The OCC and the FDIC have each issued proposed guidance, and the FRB has issued a written statement highlighting concerns with deposit advance loan products (‘the “Guidance”) (Available here is the OCC version of the Guidance, and available here is the FDIC version of the Guidance.) The Guidance reflects a report by the Consumer Financial Protection Bureau (“CFPB”) regarding the use of payday loans and deposit advances in which the CFPB concluded that the products present an elevated risk both to financial institutions and their customers. While none of the OCC, FDIC or FRB (collectively, the “Agencies”) has issued new rules for the offering of deposit advances, the Guidance defines this elevated risk as including both safety and soundness supervisory risks and litigation and reputational risks. The Guidance presents a two-sided message to banking organizations: on the one hand, it amounts to an unambiguous admonishment to financial institutions that offer deposit advance loans that such products must be monitored carefully, while on the other it encourages financial institutions to continue “to respond to customers’ small-dollar credit needs.” At the very least, institutions that offer deposit advance products should be aware of their increasing profile in the minds of regulators and the evolving legal and regulatory landscape.
Deposit advances are a type of short-term, small dollar loan product offered to a bank’s existing customers whose deposit accounts reflect recurring direct deposits. The product permits a customer to take out a loan against future deposits, typically paychecks, which is then repaid automatically when the next direct deposit enters the account. Reflecting the findings of the CFPB’s report, the Agencies each note that, similar to payday loans, deposit advances bear a number of high-risk features, including high fees, very short, lump sum repayments often in advance of the customer’s other bills, and are routinely offered without due regard to the “fundamental and prudent banking practices” necessary to determine the customer’s ability to repay the loan while meeting other necessary financial obligations.
The Guidance suggests that deposit advance loan products may bring a greater potential for harm to consumers while also presenting institutions with elevated safety and soundness, legal compliance, and consumer protection risks. The Agencies identify several categories of risk:
Credit Risk. The Guidance concludes that borrowers who obtain deposit advance loans “may have cash flow difficulties” or “insufficient credit histories that limit other borrowing options.” The measure of credit risk posed by such borrowers is amplified by repeated or continuous provisions of credit to high-risk individuals. The OCC’s Guidance in particular notes that higher capital requirements will generally apply to loan portfolios that exhibit higher-risk characteristics, thereby potentially increasing the cost to an institution of offering deposit advance loans.
Legal Risk. Each of the Agencies identify increased risks of consumer class action litigation and regulatory enforcement actions associated with deposit advance lending products.

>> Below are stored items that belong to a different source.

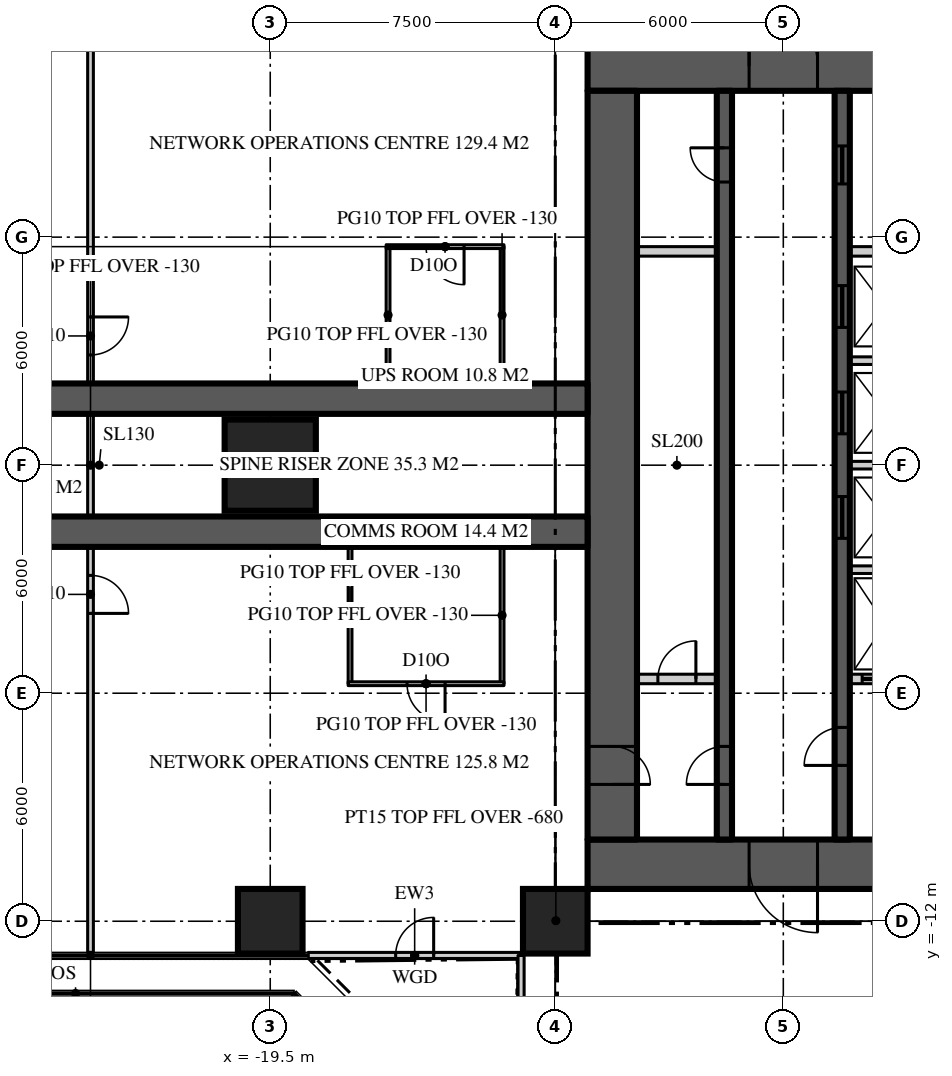
"""IFC4 building model, lengths in metres.
Left out: names, types, materials, properties, quantities, classifications, styles, units other than length and angle.
Written with IfcOpenShell. Run it as: python <this file> out.ifc"""

import sys

from ifc_helpers import new_model, si_unit, direction, frame, frame_2d, origin, origin_2d, place, context, subcontext, project, spatial, rectangle, extrude, element, fill, save


model = new_model("IFC4")
c1 = context("Model", 3, precision=1e-05, world=origin(), true_north=direction((0.0, 1.0)))
c2 = subcontext(c1, "Body", "Model", "MODEL_VIEW")
j1 = project(units=[si_unit("LENGTHUNIT", "METRE"), si_unit("PLANEANGLEUNIT", "RADIAN")], contexts=[c1])
p1 = place(None, origin())
s1 = spatial("IfcSite", under=j1, at=p1, CompositionType="ELEMENT")
p2 = place(p1, origin())
s2 = spatial("IfcBuilding", under=s1, at=p2, CompositionType="ELEMENT")
p3 = place(p2, frame((0.0, 0.0, 155.4)))
s3 = spatial("IfcBuildingStorey", under=s2, at=p3, CompositionType="ELEMENT", Elevation=155.4)
p4 = place(p3, frame((-11.15, 10.5, 0.0), z_axis=(0.0, 0.0, 1.0), x_axis=(1.0, 0.0, 0.0)))
e1 = element("IfcWall", 1, at=p4, inside=s3, PredefinedType="SHEAR", context=c2, shape_type="SweptSolid", body=[
    extrude(rectangle(XDim=22.3, YDim=1.3, at=frame_2d((11.15, 0.0))), origin(), (0.0, 0.0, 1.0), 3.9),
])
p5 = place(p4, frame((4.25, 0.0, 0.0)))
e2 = element("IfcOpeningElement", 2, at=p5, cuts=e1, PredefinedType="OPENING", context=c2, shape_type="SweptSolid", body=[
    extrude(rectangle(XDim=1.8, YDim=2.2, at=frame_2d((0.9, 1.1))), frame((0.0, 0.66, 0.0), z_axis=(0.0, -1.0, 0.0), x_axis=(1.0, 0.0, 0.0)), (0.0, 0.0, 1.0), 1.32),
])
p6 = place(p4, frame((16.25, 0.0, 0.0)))
e3 = element("IfcOpeningElement", 3, at=p6, cuts=e1, PredefinedType="OPENING", context=c2, shape_type="SweptSolid", body=[
    extrude(rectangle(XDim=1.8, YDim=2.2, at=frame_2d((0.9, 1.1))), frame((0.0, 0.66, 0.0), z_axis=(0.0, -1.0, 0.0), x_axis=(1.0, 0.0, 0.0)), (0.0, 0.0, 1.0), 1.32),
])
p7 = place(p3, frame((11.15, -10.5, 0.0), z_axis=(0.0, 0.0, 1.0), x_axis=(-1.0, 0.0, 0.0)))
e4 = element("IfcWall", 4, at=p7, inside=s3, PredefinedType="SHEAR", context=c2, shape_type="SweptSolid", body=[
    extrude(rectangle(XDim=22.3, YDim=1.3, at=frame_2d((11.15, 0.0))), origin(), (0.0, 0.0, 1.0), 3.9),
])
p8 = place(p7, frame((16.25, 0.0, 0.0)))
e5 = element("IfcOpeningElement", 5, at=p8, cuts=e4, PredefinedType="OPENING", context=c2, shape_type="SweptSolid", body=[
    extrude(rectangle(XDim=1.8, YDim=2.2, at=frame_2d((0.9, 1.1))), frame((0.0, 0.66, 0.0), z_axis=(0.0, -1.0, 0.0), x_axis=(1.0, 0.0, 0.0)), (0.0, 0.0, 1.0), 1.32),
])
p9 = place(p7, frame((4.25, 0.0, 0.0)))
e6 = element("IfcOpeningElement", 6, at=p9, cuts=e4, PredefinedType="OPENING", context=c2, shape_type="SweptSolid", body=[
    extrude(rectangle(XDim=1.8, YDim=2.2, at=frame_2d((0.9, 1.1))), frame((0.0, 0.66, 0.0), z_axis=(0.0, -1.0, 0.0), x_axis=(1.0, 0.0, 0.0)), (0.0, 0.0, 1.0), 1.32),
])
p10 = place(p3, frame((-10.5, 9.85, 0.0), z_axis=(0.0, 0.0, 1.0), x_axis=(0.0, -1.0, 0.0)))
e7 = element("IfcWall", 7, at=p10, inside=s3, PredefinedType="SHEAR", context=c2, shape_type="SweptSolid", body=[
    extrude(rectangle(XDim=19.7, YDim=1.3, at=frame_2d((9.85, 0.0))), origin(), (0.0, 0.0, 1.0), 3.9),
])
p11 = place(p10, frame((17.25, 0.0, 0.0)))
e8 = element("IfcOpeningElement", 8, at=p11, cuts=e7, PredefinedType="OPENING", context=c2, shape_type="SweptSolid", body=[
    extrude(rectangle(XDim=1.0, YDim=2.2, at=frame_2d((0.5, 1.1))), frame((0.0, 0.66, 0.0), z_axis=(0.0, -1.0, 0.0), x_axis=(1.0, 0.0, 0.0)), (0.0, 0.0, 1.0), 1.32),
])
for number, where, z_axis, x_axis in (
    (9, (-11.15, 1.75, 0.0), (0.0, 0.0, 1.0), (-1.0, 0.0, 0.0)),
    (10, (-11.15, -1.75, 0.0), (0.0, 0.0, 1.0), (-1.0, 0.0, 0.0)),
):
    element("IfcWall", number, at=place(p3, frame(where, z_axis=z_axis, x_axis=x_axis)), inside=s3, PredefinedType="SHEAR", context=c2, shape_type="SweptSolid", body=[
        extrude(rectangle(XDim=15.25, YDim=0.8, at=frame_2d((7.625, 0.0))), origin(), (0.0, 0.0, 1.0), 3.9),
    ])
for number, where, z_axis, x_axis in (
    (11, (-19.5, -12.0, 0.0), (0.0, 0.0, 1.0), (1.0, 0.0, 0.0)),
    (12, (-12.0, -12.0, 0.0), (0.0, 0.0, 1.0), (1.0, 0.0, 0.0)),
):
    element("IfcColumn", number, at=place(p3, frame(where, z_axis=z_axis, x_axis=x_axis)), inside=s3, PredefinedType="COLUMN", context=c2, shape_type="SweptSolid", body=[
        extrude(rectangle(XDim=1.7, YDim=1.7, at=origin_2d()), origin(), (0.0, 0.0, 1.0), 3.9),
    ])
p12 = place(p3, frame((-19.5, 0.0, 0.0), z_axis=(0.0, 0.0, 1.0), x_axis=(1.0, 0.0, 0.0)))
e13 = element("IfcColumn", 13, at=p12, inside=s3, PredefinedType="COLUMN", context=c2, shape_type="SweptSolid", body=[
    extrude(rectangle(XDim=2.4, YDim=2.4, at=origin_2d()), origin(), (0.0, 0.0, 1.0), 3.9),
])
p13 = place(p3, frame((-18.5, -12.9, 0.0), z_axis=(0.0, 0.0, 1.0), x_axis=(1.0, 0.0, 0.0)))
e14 = element("IfcWall", 14, at=p13, inside=s3, PredefinedType="SOLIDWALL", context=c2, shape_type="SweptSolid", body=[
    extrude(rectangle(XDim=5.6, YDim=0.16, at=frame_2d((2.8, 0.0))), origin(), (0.0, 0.0, 1.0), 3.77),
])
p14 = place(p13, frame((2.3, 0.0, 0.0)))
e15 = element("IfcOpeningElement", 15, at=p14, cuts=e14, PredefinedType="OPENING", context=c2, shape_type="SweptSolid", body=[
    extrude(rectangle(XDim=1.0, YDim=2.2, at=frame_2d((0.5, 1.1))), frame((0.0, 0.09, 0.0), z_axis=(0.0, -1.0, 0.0), x_axis=(1.0, 0.0, 0.0)), (0.0, 0.0, 1.0), 0.18),
])
p15 = place(p3, frame((-12.9, -12.9, 0.0), z_axis=(0.0, 0.0, 1.0), x_axis=(0.0, -1.0, 0.0)))
e16 = element("IfcWall", 16, at=p15, inside=s3, PredefinedType="SOLIDWALL", context=c2, shape_type="SweptSolid", body=[
    extrude(rectangle(XDim=5.6, YDim=0.16, at=frame_2d((2.8, 0.0))), origin(), (0.0, 0.0, 1.0), 3.77),
])
p16 = place(p3, frame((-7.55, -9.85, 0.0), z_axis=(0.0, 0.0, 1.0), x_axis=(0.0, 1.0, 0.0)))
e17 = element("IfcWall", 17, at=p16, inside=s3, PredefinedType="SHEAR", context=c2, shape_type="SweptSolid", body=[
    extrude(rectangle(XDim=19.7, YDim=0.4, at=frame_2d((9.85, 0.0))), origin(), (0.0, 0.0, 1.0), 3.9),
])
p17 = place(p16, frame((1.45, 0.0, 0.0)))
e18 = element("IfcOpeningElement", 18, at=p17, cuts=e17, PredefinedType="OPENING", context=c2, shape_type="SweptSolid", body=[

Third-Party Risk. The Agencies are aware that a number of institutions rely upon third-party service providers to administer deposit advance products. As with other aspects of their operations, financial institutions remain responsible and liable for compliance with all laws and regulations applicable to their activities, including those administered by third parties.
Consumer Protection. As noted above, the CFPB and the Agencies identify deposit advance loans as, potentially high-risk products for consumers, citing their high fee structure and preemptive means of collection directly from deposit accounts. Additionally, the Guidance notes that, despite their small-dollar size, deposit advance loans potentially remain subject to a broad spectrum of federal and state laws and regulations governing extensions of credit, including the Truth in Lending Act, the Electronic Fund Transfer Act, the Truth in Savings Act, the Equal Credit Opportunity Act, and others. The Guidance also specifically references the Federal Trade Commission Act’s prohibition on “unfair or deceptive acts.”
Despite these admonitions, the Guidance neither calls for an outright ban on deposit advance loans nor does it announce the promulgation of new rules to govern their issuance. Instead, the Guidance offers a number of specific recommendations intended to lessen the risks posed by deposit advance loans to consumers and institutions. Among the most significant of the recommendations, financial institutions are advised to:
- review account histories of frequent users of the deposit advance product to ensure that the relationship is of sufficient duration to verify the regularity of a customer’s direct deposits. The Agencies suggest six months as a minimum time period;
- mandate a “cooling off period” of at least one monthly statement cycle between deposit advances; and
- implement an ongoing review of credit eligibility on a customer-by-customer basis at least every six months.
The Agencies also announced that supervisory examinations will bring an increased focus on compliance with consumer protection laws and adherence to safe and sound banking practices in the administration of deposit advance products.
Comments on the OCC’s Guidance and on the FDIC’s Guidance are due by May 30, 2013.